Lo que hay que saber para usarlo bien: amplio espectro (que cubra UVA y UVB), aplicación generosa (la mayoría de la gente se pone la mitad de lo necesario), reaplicación si hay exposición prolongada, y todos los días, también en invierno y en interiores con ventanas. Es tan aburrido como potente. La jerarquía de KRECE es tajante: antes de gastar un euro en cualquier otro activo, ten resuelto el protector solar. Es la base literal sobre la que todo lo demás construye, y sin ella, los retinoides y la vitamina C rinden la mitad.

Retinoides: el activo mejor estudiado de la dermatología

+

Después del sol, los retinoides (derivados de la vitamina A) son el activo antiedad con más respaldo, y por mucho. Un metaanálisis en red de 2025, con 23 ensayos aleatorizados y casi 4.000 participantes, confirmó que mejoran las arrugas finas, la pigmentación y estimulan el colágeno. La jerarquía dentro de la familia: la tretinoína (ácido retinoico, solo con receta) es el patrón oro; el retinol y el retinaldehído, disponibles sin receta, son versiones más suaves y algo menos potentes que el cuerpo convierte en ácido retinoico.

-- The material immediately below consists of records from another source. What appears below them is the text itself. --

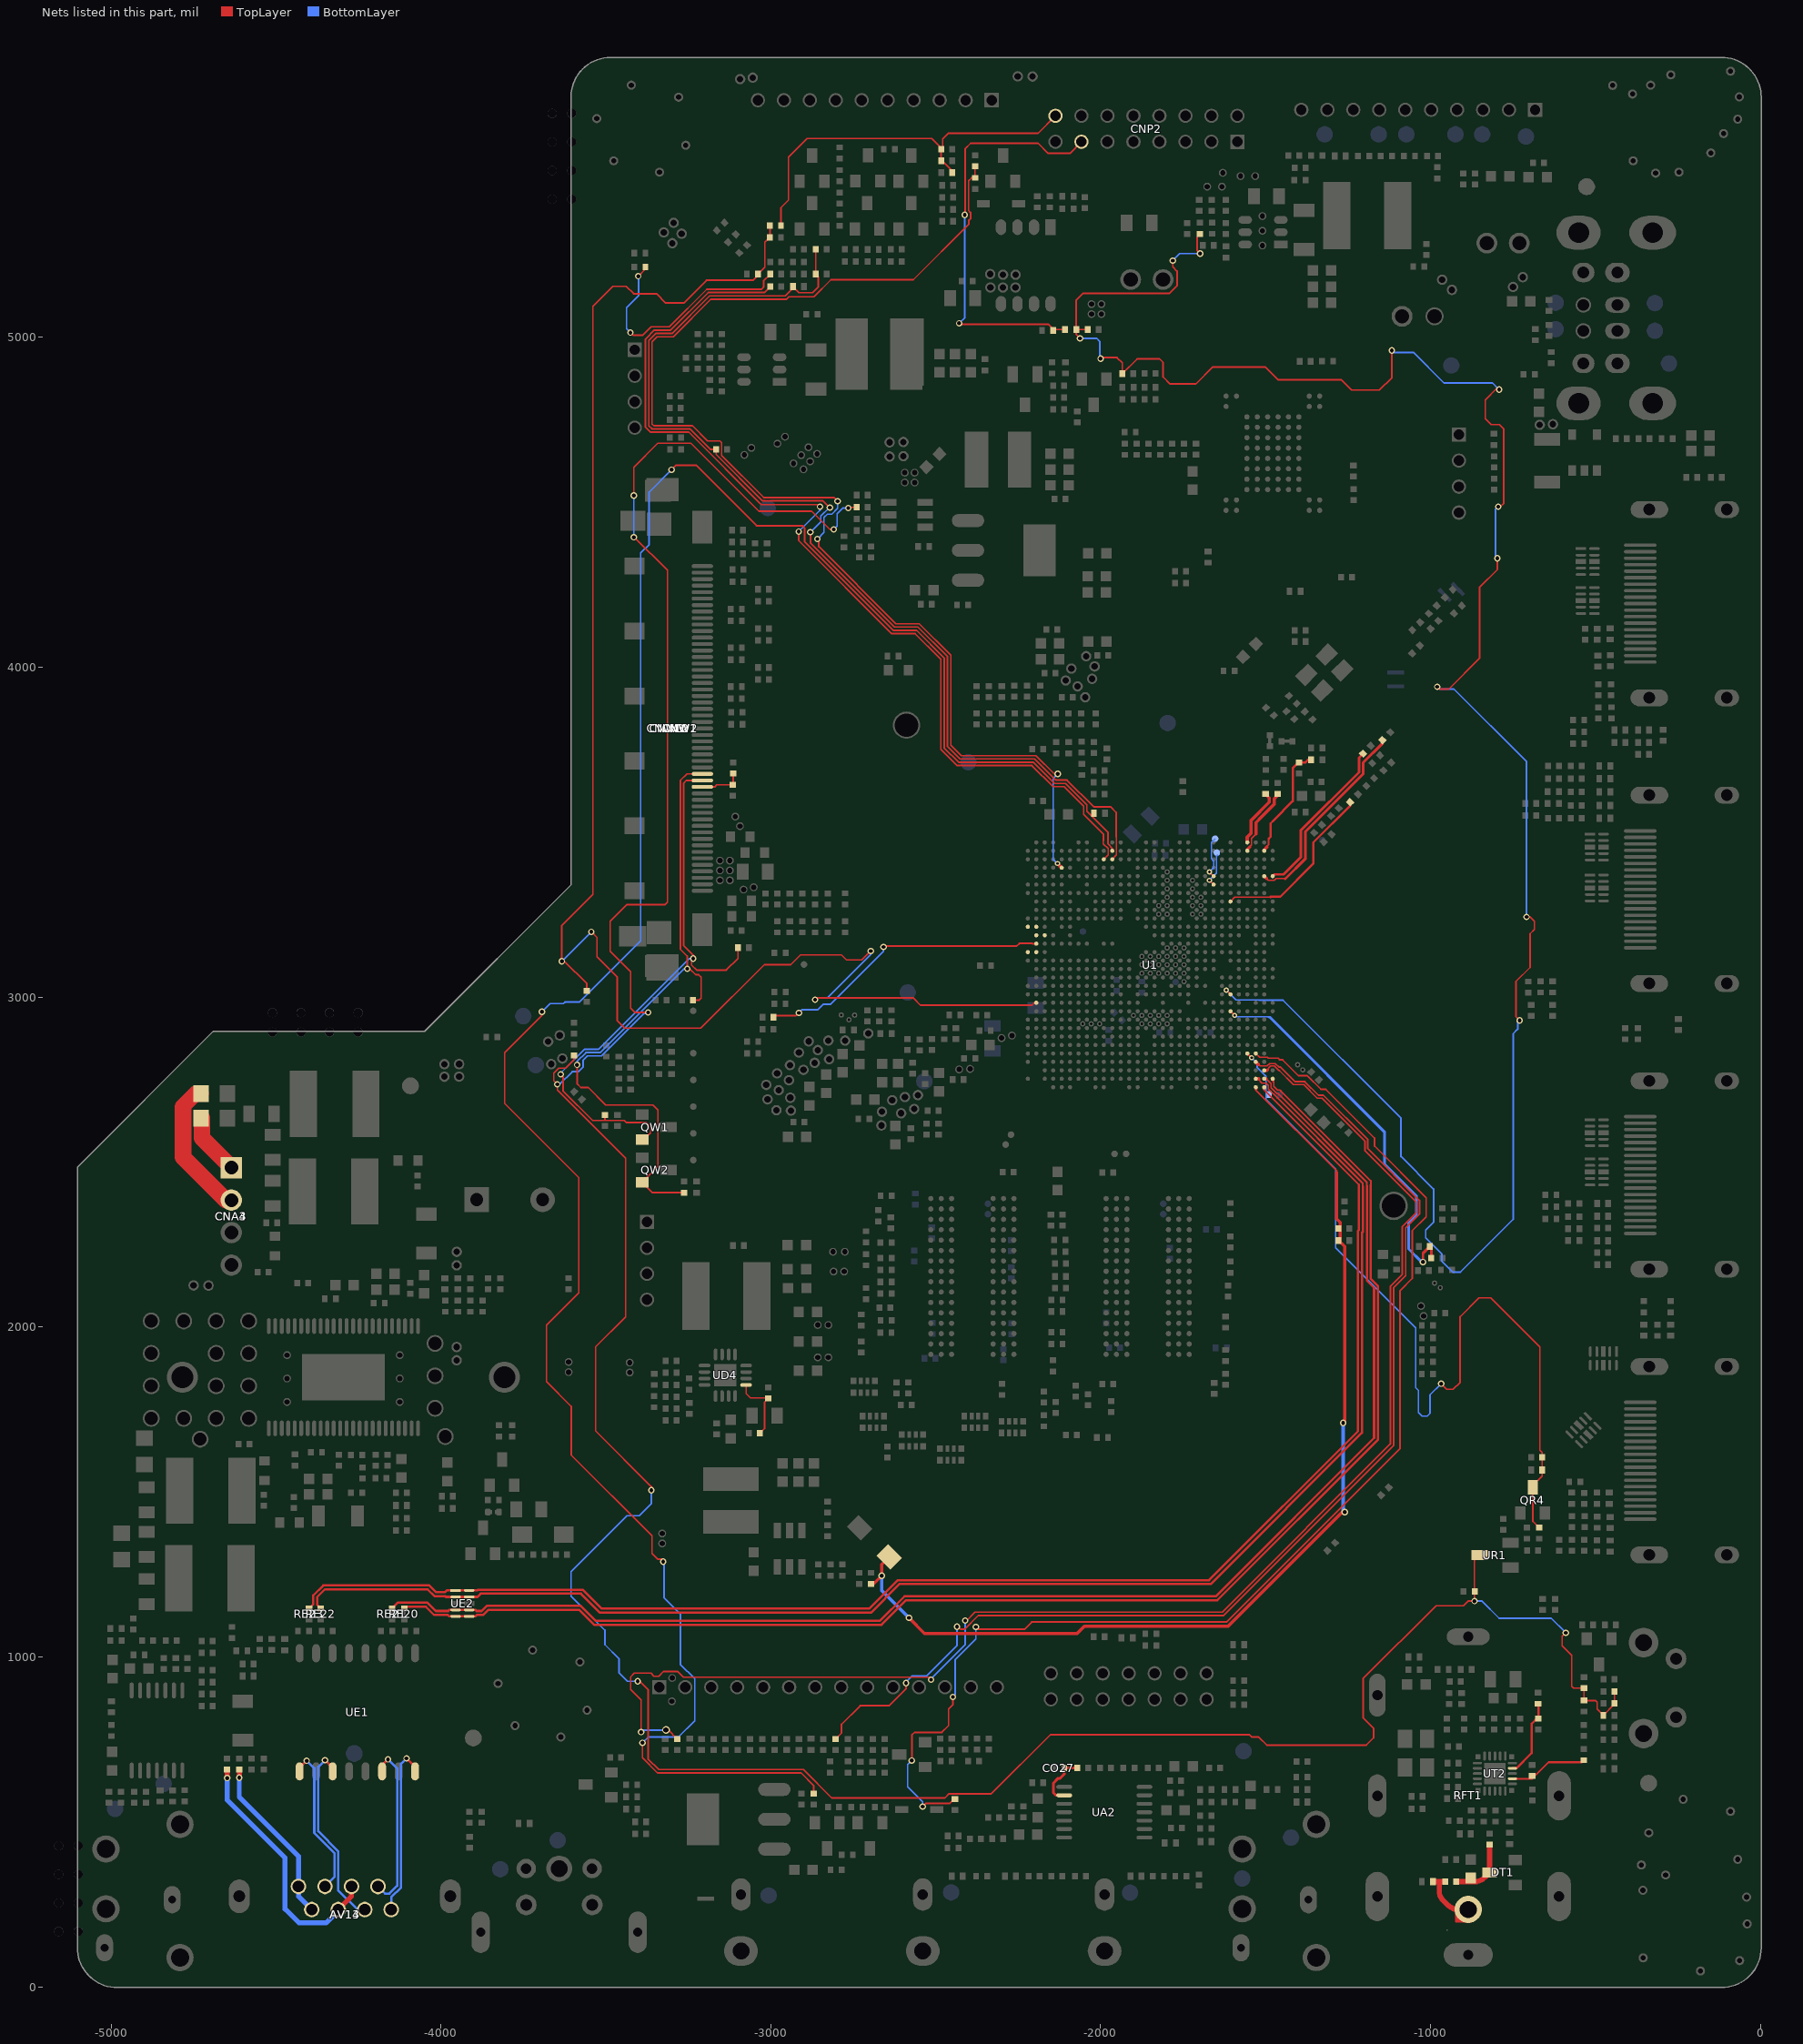
[diagram p0: the nets of this part, all layers, seen from the top]
# Altium PCB MISC86290.PcbDoc (part 27 of 31)
Units mil, origin at the board's own origin, x right, y up, seen from the top; angles counter-clockwise.
Board outline 5104.71 x 5851.49 mil, 2 copper layers (TopLayer, BottomLayer), stack 61.855 mil thick; 1026 components, 667 nets, 4280 pads, 2294 vias.

## Via types
v1: diameter 19.68, hole 11.81, TopLayer to BottomLayer, tented both sides, 1189 vias
v2: diameter 19.68/19.68 (per signal layer), hole 11.81, TopLayer to BottomLayer, tented both sides, 366 vias
v3: diameter 15.75, hole 7.87, TopLayer to BottomLayer, tented both sides, 348 vias
v4: diameter 23.62, hole 15.75, TopLayer to BottomLayer, tented both sides, 309 vias
v5: diameter 15.75/15.75 (per signal layer), hole 7.87, TopLayer to BottomLayer, tented both sides, 59 vias
v6: diameter 24/24 (per signal layer), hole 16, TopLayer to BottomLayer, tented both sides, 23 vias

## Nets (pads, with @x,y where several pads share a name; then routed paths per layer and width w, separated by ;. In a path a pad name is that pad's centre, name@x,y a point inside that pad or via, vN(x,y) a via of type N, cw(c..) or ccw(c..) an arc to the next point about the centre after c; other vN are vias at no path point) (continued)
PCID_EN: CNW1.35 CNW2.35 CNW3.35 CNW12.35 RW408.1 RW415.2 | length 128.8
  TopLayer w5: CNW3.35@-3207.67,3637.36 -3170.25,3637.36 -3163.88,3643.73 RW408.1@-3115,3643.73 ; RW408.1@-3114,3644.73 RW415.2@-3114,3678.27
PHY_RX_N: RE23.1 U1.A2 UE2.1 UE2.8 | length 4645.8
  TopLayer w6: U1.A2@-1504.25,2726.97 -1504.25,2718.76 -1217.25,2431.76 -1217.25,2429.72
  TopLayer w7: RE23.1@-4400,1146.75 -4387.5,1159.29 -4387.5,1186 -4357,1216.5 -4035.29,1216.5 -4014.79,1196 -3988,1196 -3982.63,1201.37 UE2.1@-3955.47,1201.37 UE2.8@-3914.53,1201.37 -3890.32,1201.37 -3888.04,1203.66 -3570.44,1203.66 -3512.78,1146 -2701.84,1146 -2615.23,1232.61 -2531.78,1232.61 -2516.45,1232.61 -1671.49,1232.61 -1220.22,1683.87 -1220.22,2290.75 -1217.25,2293.72 -1217.25,2429.72
PHY_RX_P: RE22.1 U1.B3 UE2.2 UE2.7 | length 4703.5
  TopLayer w3.94: U1.B3@-1523.94,2752.56 -1510.51,2739.14 -1498.14,2739.14 -1491.46,2732.46 -1491.46,2721.56 -1464.69,2694.79
  TopLayer w6: -1464.69,2694.79 -1220.89,2451 ; -1220.89,2450.96 -1205.75,2435.81 -1205.75,2425.5 -1205.25,2426
  TopLayer w7: RE22.1@-4364.5,1146.75 -4375.5,1157.79 -4375.5,1181.03 -4352.03,1204.5 -4040.26,1204.5 -4019.76,1184 -3987,1184 -3984.69,1181.69 UE2.2@-3955.47,1181.69 UE2.7@-3914.53,1181.69 -3889.32,1181.69 -3879.34,1191.66 -3575.41,1191.66 -3517.75,1134 -2696.87,1134 -2610.26,1220.61 -2536.75,1220.61 -2511.48,1220.61 -1666.52,1220.61 -1208.22,1678.9 -1208.22,2285.78 -1205.25,2288.75 -1205.25,2426
  TopLayer w10: U1.B3@-1529.84,2752.56 -1523.94,2752.56 -1520.79,2752.56 -1520.55,2752.32
PHY_TX_N: RE21.1 U1.B2 UE2.3 UE2.6 | length 4484.3
  TopLayer w3.94: U1.B2@-1498.56,2752.56 -1483.58,2737.58 -1483.58,2725.49 -1465.72,2707.63 -1461.92,2707.63 -1458.65,2704.36
  TopLayer w6: -1458.65,2704.36 -1193.25,2438.96 -1193.25,2427
  TopLayer w7: RE21.1@-4148.5,1146.75 -4131.18,1164.11 -4040.88,1164.11 -4015.77,1139 -3978.31,1139 -3974.99,1142.32 UE2.3@-3955.47,1142.32 UE2.6@-3914.53,1142.32 -3895.32,1142.32 -3892,1139 -3876.84,1139 -3861.18,1154.66 -3576.6,1154.66 -3530.94,1109 -2669.54,1109 -2594.93,1183.61 -2552.07,1183.61 -2496.15,1183.61 -1651.19,1183.61 -1171.22,1663.58 -1171.22,2118.65 -1193.25,2140.68 -1193.25,2427
  TopLayer w10: U1.B2@-1504.25,2752.56 U1.B2@-1499.5,2752.5
PHY_TX_P: RE20.1 U1.B1 UE2.4 UE2.5 | length 4457.1
  TopLayer w3.94: U1.B1@-1478.66,2746.58 -1478.66,2745.3 -1477.26,2743.9 ; -1475.71,2743.9 -1475.71,2729.52 -1464.42,2718.23 -1456.92,2718.23 -1454.62,2715.93
  TopLayer w6: -1454.62,2715.93 -1181.25,2442.56 -1181.25,2430
  TopLayer w7: RE20.1@-4111.5,1146.75 -4106.25,1152 -4045.74,1152 -4020.74,1127 -3979.31,1127 -3974.94,1122.63 UE2.4@-3955.47,1122.63 UE2.5@-3914.53,1122.63 -3896.06,1122.63 -3891.69,1127 -3871.87,1127 -3856.21,1142.66 -3581.57,1142.66 -3535.91,1097 -2664.57,1097 -2589.96,1171.61 -2557.04,1171.61 -2491.18,1171.61 -1646.22,1171.61 -1159.22,1658.61 -1159.22,2123.62 -1181.25,2145.65 -1181.25,2430
  TopLayer w8: U1.B1@-1478.66,2752.56 -1478.66,2748.18 U1.B1@-1477.07,2746.58
PIN4&5: AV13.4 AV13.5 AV14.4 AV14.5 RE4.2 | length 780
  TopLayer w15: RE4.2@-4648.5,658.5 -4648.5,633 v1(-4648,632.5) ; AV13.5@-4311.47,233.86 -4271.31,274.02 AV13.4@-4271.31,303.94
  BottomLayer w15: v1(-4648,632.5) -4648,566 -4472.5,390.5 -4472.5,235.5 -4430.17,193.17 -4348.83,193.17 -4311.47,230.53 AV13.5@-4311.47,233.86
PIN7&8: AV13.7 AV13.8 AV14.7 AV14.8 RE3.2 | length 515.7
  TopLayer w15: v1(-4611.5,633.5) -4611.33,633.67 RE3.2@-4611.33,658.5
  BottomLayer w15: v1(-4611.5,633.5) -4611.5,575 -4431.94,395.44 AV13.8@-4431.94,303.94 -4431.94,274.02 AV13.7@-4391.78,233.86
PM_RX_IC: PM_RX.1 U1.AE8 | length 106.5
  TopLayer w3.94: v3(-1670.59,3353.94) U1.AE8@-1657.8,3341.14
  BottomLayer w3.94: v3(-1670.59,3353.94) -1648.9,3375.63 -1648.9,3427.79 PM_RX.1@-1645,3431.69
PM_TX_IC: PM_TX.1 U1.AF8 | length 132.2
  TopLayer w3.94: v3(-1670.59,3379.53) U1.AF8@-1657.8,3366.73
  BottomLayer w3.94: v3(-1670.59,3379.53) -1656.85,3393.27 -1656.85,3412.37 -1664.5,3420.02 -1664.5,3468.5 PM_TX.1@-1653,3480
PS_ON: CNP2.13 RP5.1 RP8.1 | length 1249
  TopLayer w5: v1@-2426.25,5040 -2159,5040 -2144.27,5025.27 -2144.27,5024 RP8.1@-2107.73,5024 ; v1(-2412,5371.5) -2410.43,5373.07 -2410.43,5572.28 -2394.22,5588.5 -2189.75,5588.5 -2159.25,5558 -2093.21,5558 CNP2.13@-2058.21,5593
  BottomLayer w5: v1(-2429.25,5043) -2412,5060.25 v1(-2412,5371.5)
PWM/ADJ: CG11.2 CNP2.16 RG13.2 RG14.2 RG15.1 | length 1190.8
  TopLayer w5: RG15.1@-2969.27,5339.5 -2969.27,5393.23 -2946.34,5416.16 -2946.34,5546.03 -2889.52,5602.85 -2512.35,5602.85 -2483.73,5574.23 CG11.2@-2483.73,5570.5 -2483.73,5538.46 RG13.2@-2450.27,5505 ; CG11.2@-2479,5579 -2479,5601.5 -2462,5618.5 -2190.19,5618.5 CNP2.16@-2136.95,5671.74
PWR_EN_3: CD30.2 RD30.2 UD4.13 | length 215.1
  TopLayer w5: UD4.13@-3075.02,1824.16 -3075.02,1798.02 -3061.77,1784.77 CD30.2@-3008,1784.77 ; RD30.2@-3033.27,1678 -3019,1692.27 -3019,1772.27 CD30.2@-3007.5,1783.77
R_OUT+: CNA3.1 CNA4.1 RA32.2 | length 187
  TopLayer w50: RA32.2@-4725,2633 -4725,2632.59 -4725,2572.54 CNA4.1@-4635.54,2483.08
R_OUT-: CNA3.2 CNA4.2 RA33.2 | length 422.8
  TopLayer w47.24: -4782,2669.48 -4743.89,2707.59 RA33.2@-4727,2707.59
  TopLayer w50: -4782,2666.52 -4782,2515 -4651.66,2384.66 CNA4.2@-4635.54,2384.66
RCA_AU_LIN: CI4.2 U1.AF2 | length 613.9
  TopLayer w3.94: -1497.61,3360.09 -1491.46,3353.94 -1473.82,3353.94 -1467.91,3359.84 -1462.02,3359.84 -1457.99,3359.84
  TopLayer w5: -1457.99,3359.84 -1441.27,3359.84
  TopLayer w8: -1441.27,3359.12 -1439.92,3359.12 -1380,3419.04 -1380,3500.61 -1204,3676.62 -1204,3711 -1145.83,3769.17 CI4.2@-1145.83,3779.17
  TopLayer w10: U1.AF2@-1504.25,3366.73 -1497.61,3360.09
RCA_AU_RIN: CI6.2 U1.AF1 | length 501.2
  TopLayer w8: U1.AF1@-1478.66,3366.73 -1473.28,3372.12 -1445.3,3372.12 -1393,3424.42 -1393,3506 -1217,3682 -1217,3726 CI6.2@-1204.83,3738.17
RCA_CVBSIN: CI2.2 U1.AC6 | length 530.8
  TopLayer w3.94: U1.AC6@-1606.61,3289.96 -1593.96,3302.61 -1485.19,3302.61
  TopLayer w7: -1485.19,3303.8 -1484.63,3304.37 -1455.94,3304.37 -1355.5,3404.8 -1355.5,3468.5 -1243.83,3580.17 CI2.2@-1243.83,3591.17
RF_IN: CT25.1 LT4.1 NC/ESD.2 RFT1.1 | length 169.7
  TopLayer w15.8: LT4.1@-992.96,318.3 CT25.1@-955.43,318.3 ; -973.7,317.3 -973.7,290.09 ccw(c-932.91,290.09) -961.77,261.27 -951.07,250.57 ccw(c-899,302.63) -924.33,233.49 ccw(c-899,302.63) -923.47,233.18 ccw(c-899,302.63) -921.73,232.6 ccw(c-899,302.63) -907.55,229.5 ccw(c-899,302.63) -899.72,229 ccw(c-899,302.63) RFT1.1@-899,229
RF_INPUT: CT25.2 DT1.2 LT9.1 RT3.1 | length 195.2
  TopLayer w15.8: CT25.2@-921.96,318.3 -867.16,318.3 ccw(c-867.16,362.76) -835.72,331.32 DT1.2@-820.89,346.15 RT3.1@-820.89,430.63
RINN: CO27.2 RO55.2 UA2.2 | length 168
  TopLayer w8: UA2.2@-2110.55,580.18 -2135.8,580.18 -2143.67,588.05 -2143.67,617.33 -2129,632 -2123,632 -2110.26,644.74 CO27.2@-2110.26,663 RO55.2@-2070.96,663
RJ45_FE_RX+: AV13.3 AV14.3 UE1.11 | length 575.6
  TopLayer w7: v1(-4351.5,686.5) -4328.5,663.5 UE1.11@-4328.5,652.87
  BottomLayer w7: v1(-4351.5,686.5) -4372,666 -4372,471 -4311,410 -4311,291.5 -4253.36,233.86 AV13.3@-4231.15,233.86
RJ45_FE_RX-: AV13.6 AV14.6 UE1.9 | length 468.8
  TopLayer w7: UE1.9@-4428.5,652.87 -4428.5,663.5 v1(-4407,685)
  BottomLayer w7: v1(-4407,685) -4384,662 -4384,466.03 -4323,405.03 -4323,332.56 AV13.6@-4351.62,303.94
RJ45_FE_TX+: AV13.1 AV14.1 UE1.16 | length 537.6
  TopLayer w7: v1(-4104.5,692.5) -4078.5,666.5 UE1.16@-4078.5,652.87 UE1.16@-4078.5,643.5
  BottomLayer w7: AV13.1@-4150.84,233.86 -4150.84,271.19 -4121,301.03 -4121,676 v1(-4104.5,692.5)
RJ45_FE_TX-: AV13.2 AV14.2 UE1.14 | length 514.6
  TopLayer w7: UE1.14@-4178.5,652.87 -4178.5,671 v1(-4160.5,689)
  BottomLayer w7: AV13.2@-4190.99,303.94 -4169.54,282.49 -4156.51,282.49 -4133,306 -4133,661.5 v1(-4160.5,689)
RST_BTNN: RR11.1 U1.E3 | length 3827
  TopLayer w3.94: U1.E3@-1529.84,2829.33 -1517.67,2817.16 -1495.04,2817.16 -1492.44,2814.57 -1461.93,2814.57 -1457.21,2809.85 -1456.35,2809.85
  TopLayer w5: v1(-2573.04,685.73) -2572.31,685 -2572.31,762.69 -2564,771 -2481.52,771 -2461,791.52 -2461,841.64 -2448.34,854.3 v1(-2448.34,878.61) ; v1(-2539.85,546.18) -2530.54,555.5 -2458,555.5 -2444.77,568.73 RR11.1@-2442,568.73 ; v1(-2378.5,1091) -2371,1083.5 -2231.5,1083.5 -2209.39,1105.61 -1618.88,1105.61 -1092.22,1632.27 -1092.22,2110.35 -1055.5,2147.07 -1055.5,2292.18 -1013.5,2334.18 -1013.5,2392.04 -1169.9,2548.44 -1169.9,2572.61 -1317.78,2720.48 -1332.46,2720.48 -1373.57,2761.6 -1400.18,2761.6 -1448.43,2809.85 -1456.35,2809.85
  BottomLayer w5: v1(-2573.04,685.73) -2585.37,673.39 -2585.37,606.21 -2539.85,560.69 v1(-2539.85,546.18) ; v1(-2448.34,878.61) -2441,885.95 -2441,991.86 -2378.5,1054.36 v1(-2378.5,1091)
RST_BTNN_LATCH: DR5.K RR14.2 U1.AJ20 | length 7226.3
  TopLayer w3.94: -1977.76,3464.39 -1977.76,3463.76 -1964.88,3450.89 U1.AJ20@-1964.88,3443.5
  TopLayer w5: v1(-3694,2955.5) -3694,2944.08 -3806.9,2831.18 -3806.9,2677.88 -3582.15,2453.12 -3582.15,2103.03 -3679.9,2005.28 -3679.9,1834.22 -3604.9,1759.22 -3604.9,1611.79 -3360.34,1367.23 -3360.34,1313.03 -3343.71,1296.41 v1@-3326.41,1296.41 ; v1(-3389,739.5) -3389,693.75 -3343.43,648.18 -2908.15,648.18 -2870.25,610.27 RR14.2@-2870.25,585.73 ; v1(-3301,4599) -3287.34,4612.66 -3226.87,4612.66 -3043.55,4429.34 -2904.34,4429.34 -2897.84,4422.84 -2897.84,4380.88 -2628.96,4112 -2558.43,4112 -2474.5,4028.07 -2474.5,3755.53 -2431.08,3712.11 -2204.17,3712.11 -2140.06,3648 -2106.46,3648 -2041.9,3583.44 -2041.9,3563.4 -1978.29,3499.79 -1978.29,3464.39
  BottomLayer w5: v1(-3694,2955.5) -3669.16,2980.34 -3628.72,2980.34 -3624.05,2985.01 -3580.89,2985.01 -3394.61,3171.29 -3394.61,4346.58 -3369,4372.2 -3369,4531 v1(-3301,4599) ; v1(-3389,739.5) -3371.5,757 -3280.14,757 -3230.73,806.41 -3230.73,933.94 -3274.25,977.46 -3274.25,1130.11 -3324.07,1179.93 v1@-3324.07,1286.26
  other v1: -3326.41,1288.6
SAR0: RK26.1 U1.D3 | length 3592.2
  TopLayer w3.94: -1522.6,2796.5 -1517.05,2790.94 -1495.65,2790.94 -1487.81,2798.78 -1470.67,2798.78 ; -1470.71,2798.82 -1470.67,2798.78 ; -1459,2787.11 -1470.67,2798.78
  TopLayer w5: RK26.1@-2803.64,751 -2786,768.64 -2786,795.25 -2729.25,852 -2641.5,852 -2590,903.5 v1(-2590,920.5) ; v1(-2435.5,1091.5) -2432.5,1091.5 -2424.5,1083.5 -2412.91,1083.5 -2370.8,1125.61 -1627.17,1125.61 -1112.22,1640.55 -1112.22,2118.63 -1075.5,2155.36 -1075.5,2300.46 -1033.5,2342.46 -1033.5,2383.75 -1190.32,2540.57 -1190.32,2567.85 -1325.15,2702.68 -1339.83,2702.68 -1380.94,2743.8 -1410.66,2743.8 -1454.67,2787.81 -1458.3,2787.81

Cómo usarlos sin sufrir: se aplican de noche (son fotosensibles), se empieza despacio (dos o tres veces por semana) para que la piel se adapte, y los resultados tardan de tres a seis meses. El precio a pagar es la irritación inicial (rojez, descamación), que se maneja con paciencia y hidratación, y una regla innegociable: están contraindicados en el embarazo por ser teratógenos. Para quien no tolera el retinol, el bakuchiol es la alternativa vegetal más suave, aunque con menos evidencia. El detalle de la formulación tópica está en la formulación cosmecéutica.

Vitamina C: el antioxidante que sinergiza con el sol

+

La vitamina C tópica es el tercer pilar, y su papel es doble: es un antioxidante que neutraliza el daño de los radicales libres, y ayuda a frenar la degradación del colágeno y a estimular su síntesis. Su mejor virtud es que sinergiza con la fotoprotección: aplicada por la mañana, debajo del protector solar, refuerza la defensa contra el daño ultravioleta que el SPF no bloquea al 100%. Es el complemento natural del sol.

La letra pequeña, que aquí es técnica y decisiva: la vitamina C es inestable y la formulación lo es todo. La forma con más evidencia es el ácido L-ascórbico al 15%, idealmente combinado con vitamina E al 1% y ácido ferúlico al 0,5%, la fórmula que estabiliza el activo y multiplica su efecto. Un envase opaco y hermético, porque la luz y el aire la degradan. Comprar «vitamina C» sin fijarse en la forma, la concentración y el envase es tirar el dinero. La sinergia con el colágeno y el ácido hialurónico se desarrolla en colágeno, vitamina C y ácido hialurónico, y la molécula como suplemento en vitamina C.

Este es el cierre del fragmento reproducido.